You are in luck.. I just recently shared my experience with Summer.. here http://www.goldenretrieverforum.com...ing-success-working-reactive-fearful-dog.html

Its been a LONG journey and she still reacts to some things, but I'd say we're 90% better now.. 

First I'd like to say that she is probably (I havent seen her) scared of all the things she is reacting to. Try your very best not to get mad, or tell her to knock it off.. (which i was inclined to do many times) She will get more confused because she is scared and then doesnt understand why you are mad.. 

Next, I'd like to point out that this level of fear in a dog is definitely not normal. Please take her to the vet and get her checked out. Some underlying illnesses or pain can cause a dog to be more reactive to the environment. 
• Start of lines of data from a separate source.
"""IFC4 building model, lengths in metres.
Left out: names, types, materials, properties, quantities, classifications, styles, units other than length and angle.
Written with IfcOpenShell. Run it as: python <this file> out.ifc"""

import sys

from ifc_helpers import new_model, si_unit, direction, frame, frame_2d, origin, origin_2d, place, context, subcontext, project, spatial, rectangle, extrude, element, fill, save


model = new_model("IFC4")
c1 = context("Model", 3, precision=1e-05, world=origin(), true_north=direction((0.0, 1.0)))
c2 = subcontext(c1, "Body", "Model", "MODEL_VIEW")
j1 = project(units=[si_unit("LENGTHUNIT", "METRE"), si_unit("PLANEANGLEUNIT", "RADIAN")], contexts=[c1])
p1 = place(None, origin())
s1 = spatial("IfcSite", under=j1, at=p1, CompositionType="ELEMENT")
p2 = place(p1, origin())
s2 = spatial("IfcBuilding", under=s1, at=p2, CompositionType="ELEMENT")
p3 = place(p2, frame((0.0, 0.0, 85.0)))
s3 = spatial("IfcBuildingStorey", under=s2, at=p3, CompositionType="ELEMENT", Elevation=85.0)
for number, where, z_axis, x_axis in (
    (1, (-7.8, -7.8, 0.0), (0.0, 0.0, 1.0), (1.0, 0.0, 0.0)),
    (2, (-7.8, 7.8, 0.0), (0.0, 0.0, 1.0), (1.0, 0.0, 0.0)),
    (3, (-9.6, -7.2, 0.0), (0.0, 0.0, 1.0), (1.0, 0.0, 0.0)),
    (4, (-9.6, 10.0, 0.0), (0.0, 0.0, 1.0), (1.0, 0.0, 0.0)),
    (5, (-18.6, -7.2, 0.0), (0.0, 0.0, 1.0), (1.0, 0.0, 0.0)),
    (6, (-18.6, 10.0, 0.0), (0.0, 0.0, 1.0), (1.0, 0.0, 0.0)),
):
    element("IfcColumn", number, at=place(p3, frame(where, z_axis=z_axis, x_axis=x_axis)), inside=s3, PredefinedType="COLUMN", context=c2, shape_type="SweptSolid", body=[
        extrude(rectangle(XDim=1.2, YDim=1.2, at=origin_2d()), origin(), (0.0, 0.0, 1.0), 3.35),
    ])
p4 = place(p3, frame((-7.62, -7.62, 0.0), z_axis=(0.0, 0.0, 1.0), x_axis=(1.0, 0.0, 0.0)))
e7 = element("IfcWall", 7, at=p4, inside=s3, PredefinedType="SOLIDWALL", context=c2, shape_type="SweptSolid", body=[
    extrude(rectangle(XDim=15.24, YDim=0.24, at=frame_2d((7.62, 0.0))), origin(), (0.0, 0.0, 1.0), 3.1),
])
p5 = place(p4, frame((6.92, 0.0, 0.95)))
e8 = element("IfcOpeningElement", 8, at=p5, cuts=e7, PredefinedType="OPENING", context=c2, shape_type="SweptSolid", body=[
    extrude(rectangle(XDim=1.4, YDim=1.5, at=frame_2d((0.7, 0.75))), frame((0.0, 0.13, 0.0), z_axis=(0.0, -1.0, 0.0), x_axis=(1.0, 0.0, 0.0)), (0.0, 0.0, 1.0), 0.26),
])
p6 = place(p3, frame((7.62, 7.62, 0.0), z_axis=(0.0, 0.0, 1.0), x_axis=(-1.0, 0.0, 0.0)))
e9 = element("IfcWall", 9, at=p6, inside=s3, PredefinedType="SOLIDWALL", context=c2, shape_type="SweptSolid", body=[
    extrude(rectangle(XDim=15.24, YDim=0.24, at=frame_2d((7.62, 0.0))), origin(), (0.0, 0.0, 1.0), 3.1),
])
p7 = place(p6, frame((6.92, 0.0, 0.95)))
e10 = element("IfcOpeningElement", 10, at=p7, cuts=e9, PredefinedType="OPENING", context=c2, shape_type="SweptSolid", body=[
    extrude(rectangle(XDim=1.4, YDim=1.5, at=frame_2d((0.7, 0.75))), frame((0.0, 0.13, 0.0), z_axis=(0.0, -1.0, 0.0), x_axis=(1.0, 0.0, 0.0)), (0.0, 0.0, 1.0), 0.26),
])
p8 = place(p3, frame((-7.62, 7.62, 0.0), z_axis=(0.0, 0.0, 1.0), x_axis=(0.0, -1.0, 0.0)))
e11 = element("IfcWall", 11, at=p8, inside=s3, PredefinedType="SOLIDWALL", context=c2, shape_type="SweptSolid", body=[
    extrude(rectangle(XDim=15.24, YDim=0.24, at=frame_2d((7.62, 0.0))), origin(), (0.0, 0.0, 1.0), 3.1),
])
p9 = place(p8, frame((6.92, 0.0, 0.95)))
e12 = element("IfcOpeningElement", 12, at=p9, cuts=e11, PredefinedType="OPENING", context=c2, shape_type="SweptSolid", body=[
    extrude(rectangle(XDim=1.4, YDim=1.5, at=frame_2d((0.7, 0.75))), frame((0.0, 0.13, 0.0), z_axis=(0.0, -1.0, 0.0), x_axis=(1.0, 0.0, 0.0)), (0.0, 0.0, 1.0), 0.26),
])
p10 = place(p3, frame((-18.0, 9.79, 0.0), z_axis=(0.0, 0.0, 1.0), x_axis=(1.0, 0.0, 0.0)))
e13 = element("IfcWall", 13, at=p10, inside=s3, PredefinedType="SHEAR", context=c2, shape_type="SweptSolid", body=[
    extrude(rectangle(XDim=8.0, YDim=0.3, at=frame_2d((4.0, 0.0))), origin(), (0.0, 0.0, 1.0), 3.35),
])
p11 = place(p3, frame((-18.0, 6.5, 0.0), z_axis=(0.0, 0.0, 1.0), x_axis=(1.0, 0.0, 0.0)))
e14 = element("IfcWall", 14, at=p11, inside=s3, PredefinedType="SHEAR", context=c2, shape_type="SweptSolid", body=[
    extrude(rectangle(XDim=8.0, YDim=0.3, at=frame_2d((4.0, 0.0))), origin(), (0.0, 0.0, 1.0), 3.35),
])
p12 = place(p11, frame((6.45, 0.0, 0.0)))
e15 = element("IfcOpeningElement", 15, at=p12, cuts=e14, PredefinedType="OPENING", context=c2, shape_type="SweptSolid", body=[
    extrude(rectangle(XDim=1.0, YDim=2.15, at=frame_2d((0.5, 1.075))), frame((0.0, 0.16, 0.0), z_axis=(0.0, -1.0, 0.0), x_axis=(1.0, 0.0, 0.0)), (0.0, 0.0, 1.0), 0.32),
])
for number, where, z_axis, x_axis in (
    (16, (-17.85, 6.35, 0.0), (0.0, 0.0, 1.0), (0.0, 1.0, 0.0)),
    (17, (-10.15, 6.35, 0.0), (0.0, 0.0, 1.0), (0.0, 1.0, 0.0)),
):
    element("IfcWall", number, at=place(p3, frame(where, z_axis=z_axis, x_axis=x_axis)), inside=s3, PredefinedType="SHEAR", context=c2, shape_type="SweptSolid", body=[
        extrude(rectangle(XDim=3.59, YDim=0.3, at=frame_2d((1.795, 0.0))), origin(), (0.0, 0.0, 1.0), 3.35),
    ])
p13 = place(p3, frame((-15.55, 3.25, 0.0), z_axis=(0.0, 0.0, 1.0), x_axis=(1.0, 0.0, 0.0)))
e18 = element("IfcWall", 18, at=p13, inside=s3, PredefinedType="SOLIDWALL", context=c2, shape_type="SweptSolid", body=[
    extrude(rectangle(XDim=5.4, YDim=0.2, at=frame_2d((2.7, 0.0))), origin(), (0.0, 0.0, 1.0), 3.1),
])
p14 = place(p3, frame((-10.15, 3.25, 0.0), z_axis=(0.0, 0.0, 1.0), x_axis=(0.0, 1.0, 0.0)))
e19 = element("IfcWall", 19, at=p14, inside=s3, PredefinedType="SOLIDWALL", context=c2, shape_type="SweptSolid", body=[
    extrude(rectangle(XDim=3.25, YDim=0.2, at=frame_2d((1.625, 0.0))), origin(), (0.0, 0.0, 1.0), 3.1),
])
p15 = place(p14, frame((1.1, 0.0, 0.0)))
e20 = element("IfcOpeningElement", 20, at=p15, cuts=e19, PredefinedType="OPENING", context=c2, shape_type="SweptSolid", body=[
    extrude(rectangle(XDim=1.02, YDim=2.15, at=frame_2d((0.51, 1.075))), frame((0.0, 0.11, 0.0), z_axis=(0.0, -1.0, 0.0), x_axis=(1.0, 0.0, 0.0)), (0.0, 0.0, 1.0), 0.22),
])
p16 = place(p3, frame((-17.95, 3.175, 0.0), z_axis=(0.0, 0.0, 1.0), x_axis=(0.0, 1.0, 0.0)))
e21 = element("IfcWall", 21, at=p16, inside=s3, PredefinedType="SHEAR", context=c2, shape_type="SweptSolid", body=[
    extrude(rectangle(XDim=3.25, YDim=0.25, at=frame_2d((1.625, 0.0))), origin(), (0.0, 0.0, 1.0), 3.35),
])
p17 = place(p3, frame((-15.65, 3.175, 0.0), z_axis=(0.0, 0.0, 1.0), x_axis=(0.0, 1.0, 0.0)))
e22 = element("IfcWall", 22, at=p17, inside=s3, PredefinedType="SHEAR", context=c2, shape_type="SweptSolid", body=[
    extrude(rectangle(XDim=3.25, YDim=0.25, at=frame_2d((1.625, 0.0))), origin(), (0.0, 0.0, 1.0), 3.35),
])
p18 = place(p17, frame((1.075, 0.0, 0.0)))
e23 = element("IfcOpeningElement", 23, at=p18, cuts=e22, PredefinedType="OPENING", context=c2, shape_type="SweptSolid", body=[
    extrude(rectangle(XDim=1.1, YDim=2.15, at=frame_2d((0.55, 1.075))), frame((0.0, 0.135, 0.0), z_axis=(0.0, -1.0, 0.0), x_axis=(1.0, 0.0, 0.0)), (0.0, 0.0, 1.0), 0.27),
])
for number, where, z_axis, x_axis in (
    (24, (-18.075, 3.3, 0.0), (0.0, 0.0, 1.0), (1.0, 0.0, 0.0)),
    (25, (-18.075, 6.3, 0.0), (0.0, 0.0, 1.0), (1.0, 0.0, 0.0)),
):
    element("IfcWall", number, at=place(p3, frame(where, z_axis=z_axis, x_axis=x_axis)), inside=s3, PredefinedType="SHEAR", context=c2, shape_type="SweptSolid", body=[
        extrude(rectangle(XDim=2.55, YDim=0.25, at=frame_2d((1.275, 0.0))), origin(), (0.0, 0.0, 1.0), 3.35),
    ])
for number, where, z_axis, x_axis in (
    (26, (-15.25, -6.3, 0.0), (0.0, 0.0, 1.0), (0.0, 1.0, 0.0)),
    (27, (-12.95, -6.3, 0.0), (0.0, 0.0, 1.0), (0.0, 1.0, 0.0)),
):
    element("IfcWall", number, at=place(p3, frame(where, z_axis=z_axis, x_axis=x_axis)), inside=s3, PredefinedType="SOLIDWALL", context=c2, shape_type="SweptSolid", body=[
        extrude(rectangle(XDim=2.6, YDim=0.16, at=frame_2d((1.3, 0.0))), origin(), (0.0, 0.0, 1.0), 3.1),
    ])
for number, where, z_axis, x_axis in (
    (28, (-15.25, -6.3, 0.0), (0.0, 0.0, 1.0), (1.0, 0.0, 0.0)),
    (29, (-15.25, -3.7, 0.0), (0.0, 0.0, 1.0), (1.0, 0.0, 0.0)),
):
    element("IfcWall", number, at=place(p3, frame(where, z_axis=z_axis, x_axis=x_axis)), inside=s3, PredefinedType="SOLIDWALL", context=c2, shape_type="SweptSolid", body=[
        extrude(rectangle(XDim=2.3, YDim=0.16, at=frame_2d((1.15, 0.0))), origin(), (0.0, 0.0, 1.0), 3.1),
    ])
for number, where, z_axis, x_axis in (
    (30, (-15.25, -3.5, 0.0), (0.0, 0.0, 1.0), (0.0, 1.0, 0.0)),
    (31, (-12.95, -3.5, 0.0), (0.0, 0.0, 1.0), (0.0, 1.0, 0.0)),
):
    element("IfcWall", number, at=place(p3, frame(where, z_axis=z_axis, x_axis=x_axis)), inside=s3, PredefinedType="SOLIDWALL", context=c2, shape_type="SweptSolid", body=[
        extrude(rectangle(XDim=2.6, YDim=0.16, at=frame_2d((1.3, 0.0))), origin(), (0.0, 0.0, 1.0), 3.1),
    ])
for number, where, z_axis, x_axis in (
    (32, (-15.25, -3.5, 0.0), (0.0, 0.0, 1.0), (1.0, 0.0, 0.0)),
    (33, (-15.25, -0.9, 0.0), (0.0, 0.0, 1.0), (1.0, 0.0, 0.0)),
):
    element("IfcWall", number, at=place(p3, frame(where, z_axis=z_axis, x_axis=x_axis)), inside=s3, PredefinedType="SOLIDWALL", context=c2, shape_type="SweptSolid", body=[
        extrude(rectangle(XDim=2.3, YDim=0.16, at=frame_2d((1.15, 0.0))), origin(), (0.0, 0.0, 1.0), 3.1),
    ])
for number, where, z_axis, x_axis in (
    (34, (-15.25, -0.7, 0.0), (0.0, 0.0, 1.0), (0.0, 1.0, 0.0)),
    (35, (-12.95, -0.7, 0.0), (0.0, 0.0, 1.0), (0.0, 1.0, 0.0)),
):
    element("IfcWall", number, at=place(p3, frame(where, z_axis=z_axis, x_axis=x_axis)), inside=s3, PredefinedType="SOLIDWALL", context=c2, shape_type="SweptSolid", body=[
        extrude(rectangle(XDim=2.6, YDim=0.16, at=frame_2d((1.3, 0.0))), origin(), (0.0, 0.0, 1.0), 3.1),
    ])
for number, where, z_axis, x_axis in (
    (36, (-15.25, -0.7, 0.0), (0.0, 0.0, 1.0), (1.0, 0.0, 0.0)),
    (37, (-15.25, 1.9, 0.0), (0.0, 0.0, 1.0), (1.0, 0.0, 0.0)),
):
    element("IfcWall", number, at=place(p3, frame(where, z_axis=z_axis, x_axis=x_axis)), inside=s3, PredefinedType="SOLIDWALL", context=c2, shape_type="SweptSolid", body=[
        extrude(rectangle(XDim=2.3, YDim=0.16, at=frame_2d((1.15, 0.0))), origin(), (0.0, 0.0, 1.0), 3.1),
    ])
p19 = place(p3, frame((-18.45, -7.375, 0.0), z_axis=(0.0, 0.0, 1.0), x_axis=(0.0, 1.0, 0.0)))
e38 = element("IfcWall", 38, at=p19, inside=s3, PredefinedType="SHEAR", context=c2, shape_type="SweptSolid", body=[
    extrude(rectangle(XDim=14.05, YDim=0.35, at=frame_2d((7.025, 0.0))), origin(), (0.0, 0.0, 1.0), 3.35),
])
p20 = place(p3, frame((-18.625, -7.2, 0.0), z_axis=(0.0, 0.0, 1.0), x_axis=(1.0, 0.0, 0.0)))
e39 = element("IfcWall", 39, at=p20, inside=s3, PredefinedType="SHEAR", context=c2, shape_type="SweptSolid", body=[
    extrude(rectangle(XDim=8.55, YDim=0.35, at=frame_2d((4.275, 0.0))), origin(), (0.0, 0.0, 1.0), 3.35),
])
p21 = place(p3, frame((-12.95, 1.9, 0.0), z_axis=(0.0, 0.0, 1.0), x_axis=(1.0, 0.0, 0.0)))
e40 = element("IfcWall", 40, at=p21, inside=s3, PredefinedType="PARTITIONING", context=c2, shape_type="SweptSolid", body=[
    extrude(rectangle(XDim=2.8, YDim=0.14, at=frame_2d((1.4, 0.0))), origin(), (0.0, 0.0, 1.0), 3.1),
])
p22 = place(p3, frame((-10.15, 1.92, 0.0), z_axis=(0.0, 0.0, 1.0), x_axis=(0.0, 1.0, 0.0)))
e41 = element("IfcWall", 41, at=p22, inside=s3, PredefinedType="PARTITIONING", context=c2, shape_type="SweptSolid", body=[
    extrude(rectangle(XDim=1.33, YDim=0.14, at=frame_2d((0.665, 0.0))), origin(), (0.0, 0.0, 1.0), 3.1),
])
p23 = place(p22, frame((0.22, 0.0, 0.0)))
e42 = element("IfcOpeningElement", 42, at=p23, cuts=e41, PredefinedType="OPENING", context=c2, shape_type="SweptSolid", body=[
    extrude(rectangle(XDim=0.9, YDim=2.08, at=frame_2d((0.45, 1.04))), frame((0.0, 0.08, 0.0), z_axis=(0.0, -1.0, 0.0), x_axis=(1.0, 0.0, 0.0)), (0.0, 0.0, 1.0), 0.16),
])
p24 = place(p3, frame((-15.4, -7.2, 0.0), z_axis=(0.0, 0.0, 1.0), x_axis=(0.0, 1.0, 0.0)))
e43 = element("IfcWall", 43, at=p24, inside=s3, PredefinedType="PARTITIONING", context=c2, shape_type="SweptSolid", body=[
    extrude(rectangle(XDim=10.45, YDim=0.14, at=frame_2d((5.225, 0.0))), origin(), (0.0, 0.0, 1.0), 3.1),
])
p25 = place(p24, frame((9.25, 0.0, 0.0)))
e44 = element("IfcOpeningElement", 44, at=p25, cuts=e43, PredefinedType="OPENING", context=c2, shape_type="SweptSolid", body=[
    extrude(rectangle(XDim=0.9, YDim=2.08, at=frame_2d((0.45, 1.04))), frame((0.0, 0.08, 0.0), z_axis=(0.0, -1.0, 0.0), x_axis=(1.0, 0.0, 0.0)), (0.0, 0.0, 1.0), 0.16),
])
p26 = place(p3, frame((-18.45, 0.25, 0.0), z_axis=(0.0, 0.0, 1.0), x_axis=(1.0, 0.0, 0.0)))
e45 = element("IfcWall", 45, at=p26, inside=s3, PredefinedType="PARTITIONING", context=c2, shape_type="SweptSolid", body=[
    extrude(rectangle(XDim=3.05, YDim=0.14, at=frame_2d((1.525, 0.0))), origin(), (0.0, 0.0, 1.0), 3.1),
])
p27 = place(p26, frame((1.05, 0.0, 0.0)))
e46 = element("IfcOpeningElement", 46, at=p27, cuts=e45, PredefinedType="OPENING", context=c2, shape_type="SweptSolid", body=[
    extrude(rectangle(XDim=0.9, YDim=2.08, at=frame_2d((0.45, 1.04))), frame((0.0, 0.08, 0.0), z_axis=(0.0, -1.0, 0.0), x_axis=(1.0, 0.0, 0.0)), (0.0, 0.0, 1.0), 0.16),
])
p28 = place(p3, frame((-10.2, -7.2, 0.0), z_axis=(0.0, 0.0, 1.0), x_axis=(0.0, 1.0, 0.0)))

Best case scenerio would be for you to take her to a vet behaviourist. They are the professionals who are best able to assess Sophie and come up with a plan especially for you. If you post back with your location, I'm sure the board can help you find a good one, or I could ask around and try to help you find one near you. An alternative would be a phone consult. 

In the meantime, here are some tips that I have used: 

There are several steps to management:

1) management: control her environment, don't take her where she gets spooked. For us, that meant keeping Summer in my bedroom most of the time while we were trying to get her "fixed".

Don't let people pet her, don't let dogs sniff her. In other words, bubble wrap her. Try to reduce the incidents of barking or growling or cowering to as few as possible.. Each time she gets stressed her body releases hormones that stay in the system a long time leaving her more easily stressed again.

2) training: essentially, counter-conditioning. I'm sure you've encountered this somewhere in your reading. We're going to try and use food (which causes a release of some great substances in her brain) to change her perception of scary things..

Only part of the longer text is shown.